Gabriella brought a duffel bag of the herbs and powders needed to paint the sigils and re-hallow the tower and the area around it. Miss Eppie carried a small satchel with the materials needed for her magical tradition. Sister Cecilia, the retired nun from St. Cyprian who Mrs. Ames had recruited, wore a necklace of a bishop’s crozier—one of the saint’s many icons—along with the amulets the others carried.
Simon and Vic brought up the rear. Simon’s messenger bag held additional charms and bells, and a paper copy of the lighthouse keeper’s incantation as backup to the digital version on his phone.
“You picking up on anything out there?” Simon wondered how the vibes seemed to Vic, whose strong intuition often seemed just a half-step distant from psychic ability.
“I haven’t spotted the troll—although since he can shapeshift, I’m not sure what I’m looking for,” Vic grumbled. He carried his gun in hand, a personal weapon, not his police service piece. “But I feel like we’re being watched.”
“So do I.” Simon scanned the forest that verged on the cleared area around the tower.
“The whole island makes me twitchy,” Vic added. “I’ll be glad when we’re done.”
His instincts, even if they don’t have psychic roots, are spot on as usual,Simon thought.
“Welcome to the Georgetown Lighthouse,” Hardin told them when they reached the base of the tower. “We don’t have clearance to go up in the tower, but fortunately, I don’t think we’ll need it.
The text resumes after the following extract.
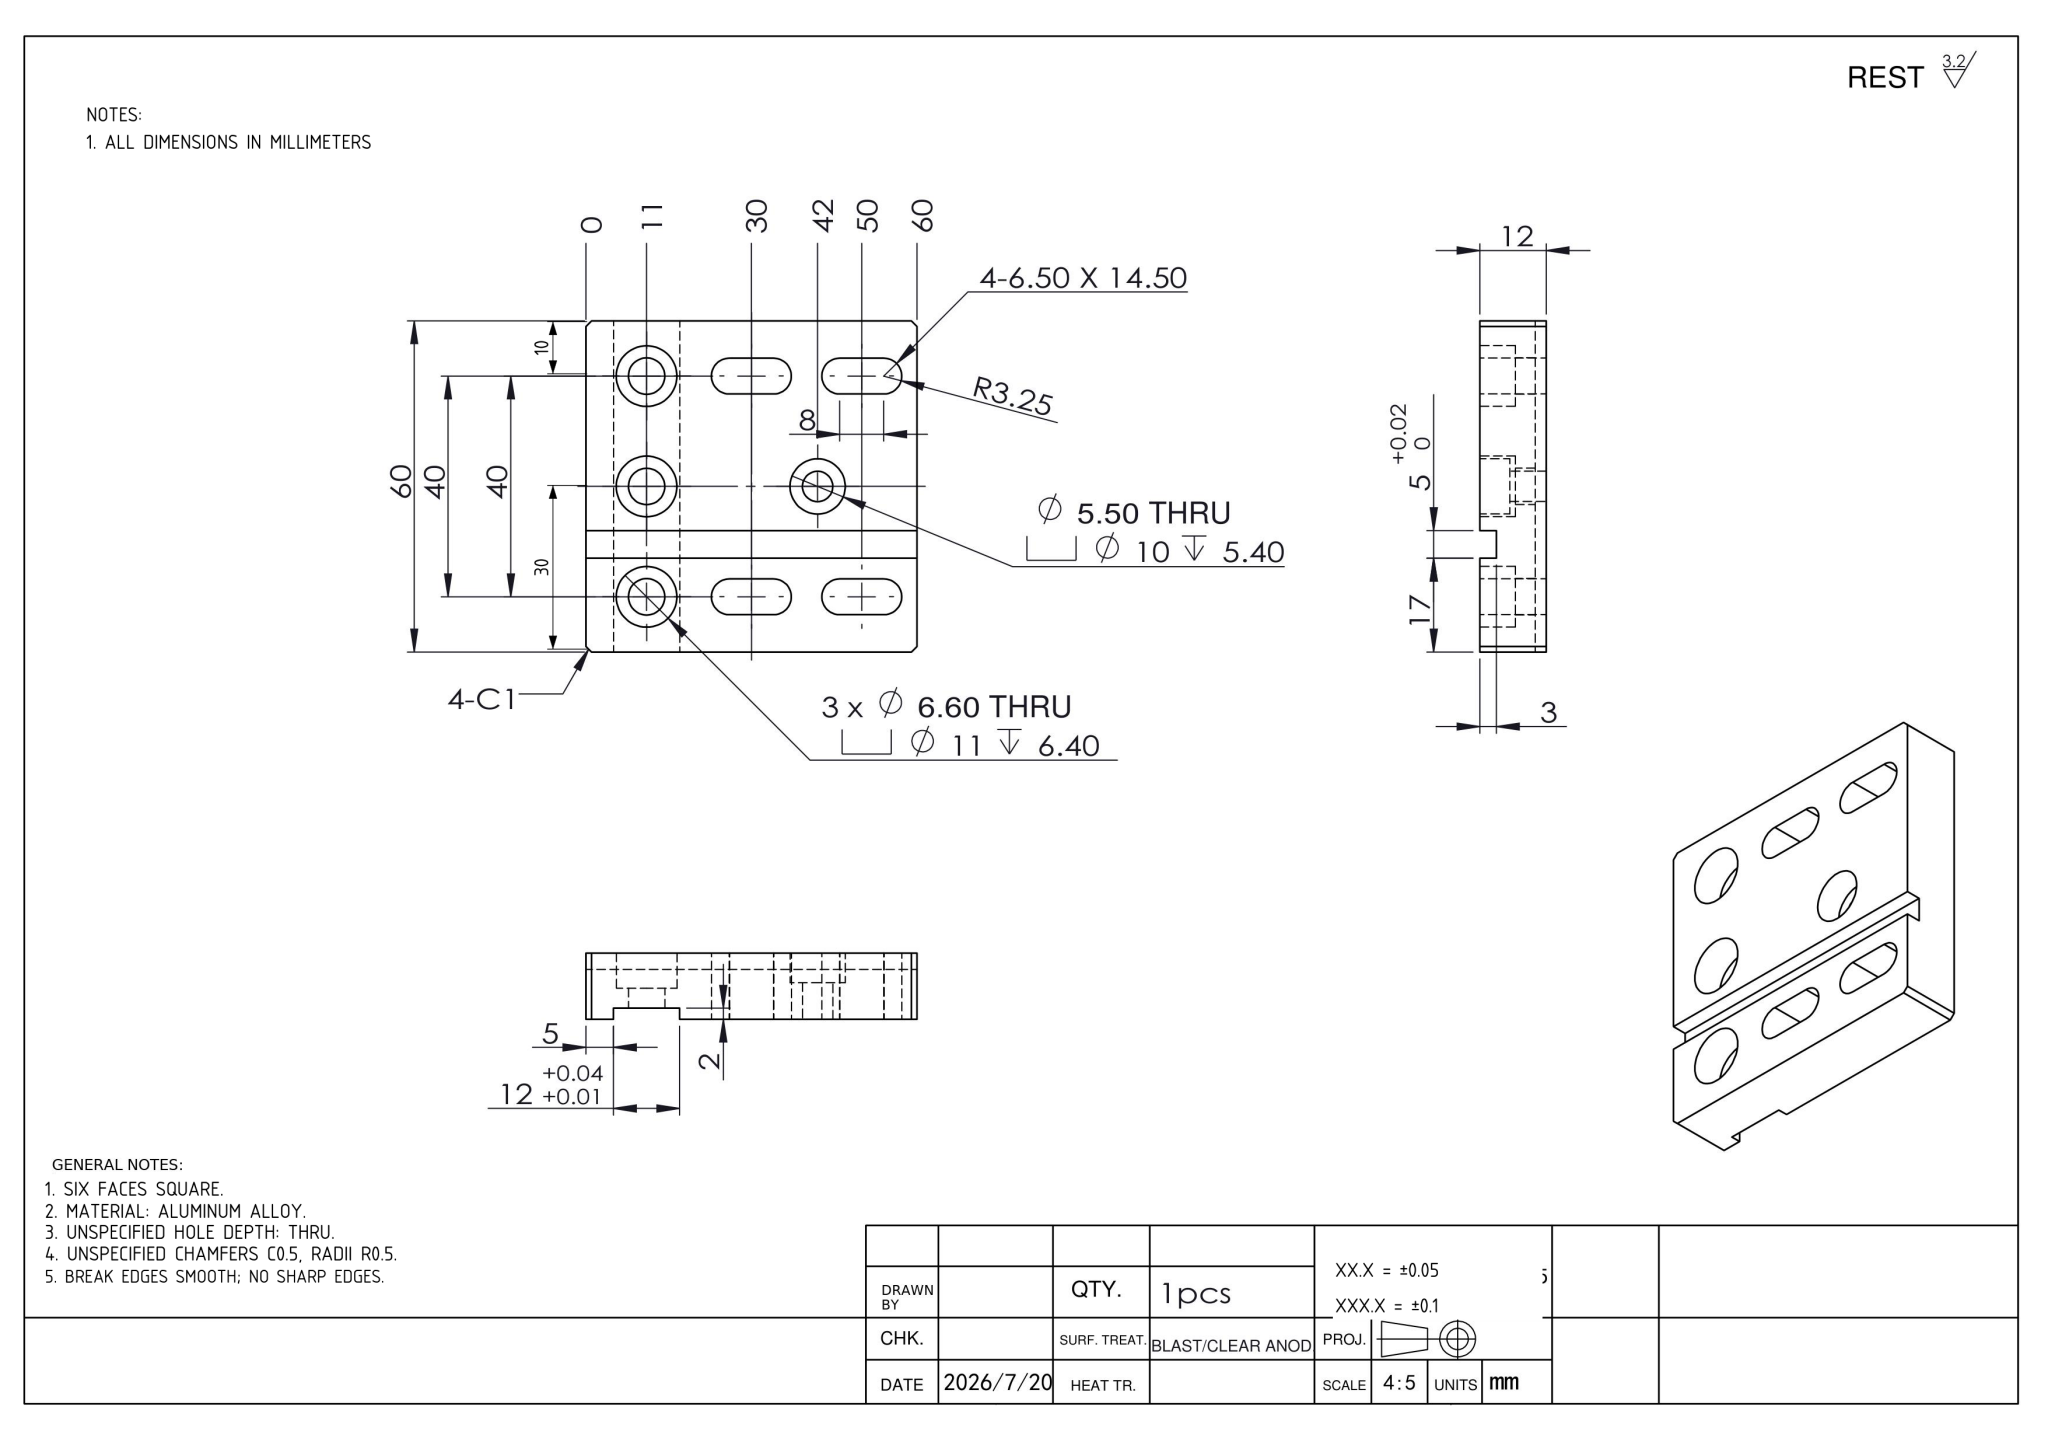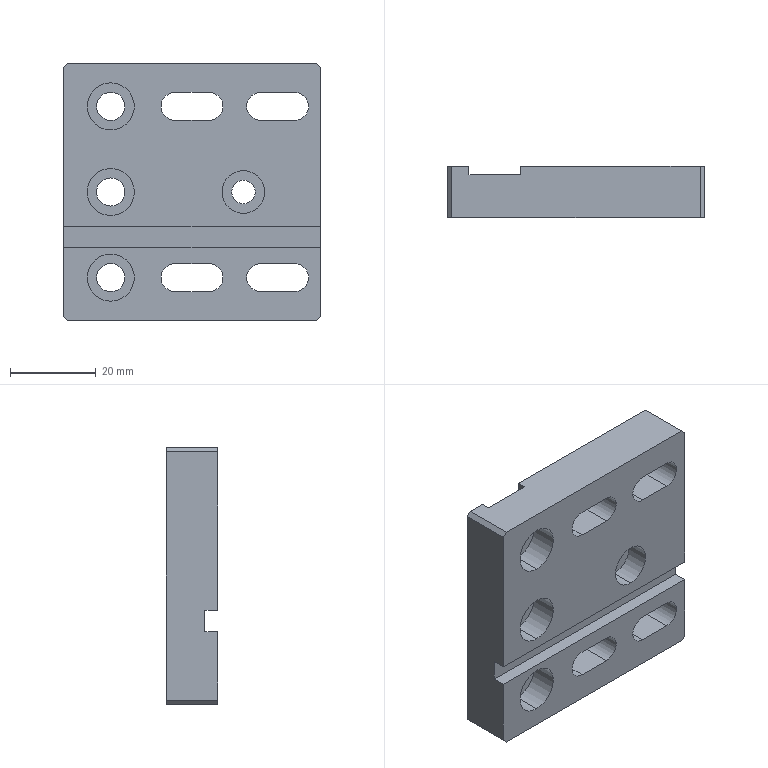Part | NX | mm | 1 solid | 54 faces | box 60 x 12 x 60 mm | volume 33972 mm3 | plane 30 | cylinder 24 | commonest cylinder face diameters 6.5 x8 11 x6 6.6 x6 10 x2 5.5 x2

The ritual that has passed down from my predecessors is all done here at the bottom.”
Simon nodded. “That matches what’s in the version of the incantation I have as well.” He and Hardin had already met to work out any differences between the older version of the ritual that Simon had from the long-ago keeper and Simon’s more recent version. Simon had also compared notes with Father Anne to weave in anything found in the St. Expeditus archive.
They agreed that the individual keepers’ spells were more powerful since they set the wardings while Hardin’s version merely maintained what was already wrought. Steven had quickly agreed to cede doing the working to Father Anne.
Eager to get in and out before the troll showed up, everyone set about preparing for the ritual. Sister Cecilia and Father Anne began to paint protective symbols along the base of the tower in a substance made with consecrated and magical ingredients that faded to translucent when dry.
Gabriella set up a workspace with candles and a small brazier so she could invoke her wardings using mixtures and tinctures from plants to ward away evil and offer protection. MissEppie circled the lighthouse, burying small bags of goofer dust and graveyard dirt around the base. She added more invisible symbols to the inscriptions on the tower and made another circle burning a bundle of sage as she chanted.
Simon’s earpiece kept him in touch with the rest of the witchy crews and the people gathered at the shop. One by one, the teams at the lighthouses reported in, ready to begin their incantations.
“Everyone’s here,” Pete told him, “including your Skeleton Crew and a couple of people who said they’re descendants of the lighthouse keepers. We’re packed to the gills, and the power is off the charts. I mean,Ican feel it and I don’t have the ability. It’s practically making my hair stand on end.”
“Did the coven show?”
“Yeah. They’re getting along great with everyone. Don’t get me wrong—everybody is taking the protective piece seriously. They’ve all set out their cards, charms, dice, or whatever they use, and they’ll be ready to go right on time. It’s like the most off-the-chain Halloween party ever,” Pete added. “I hope you don’t mind, but I ordered sub sandwich platters, sodas, and cookies since you always need to eat after you do a big effort.”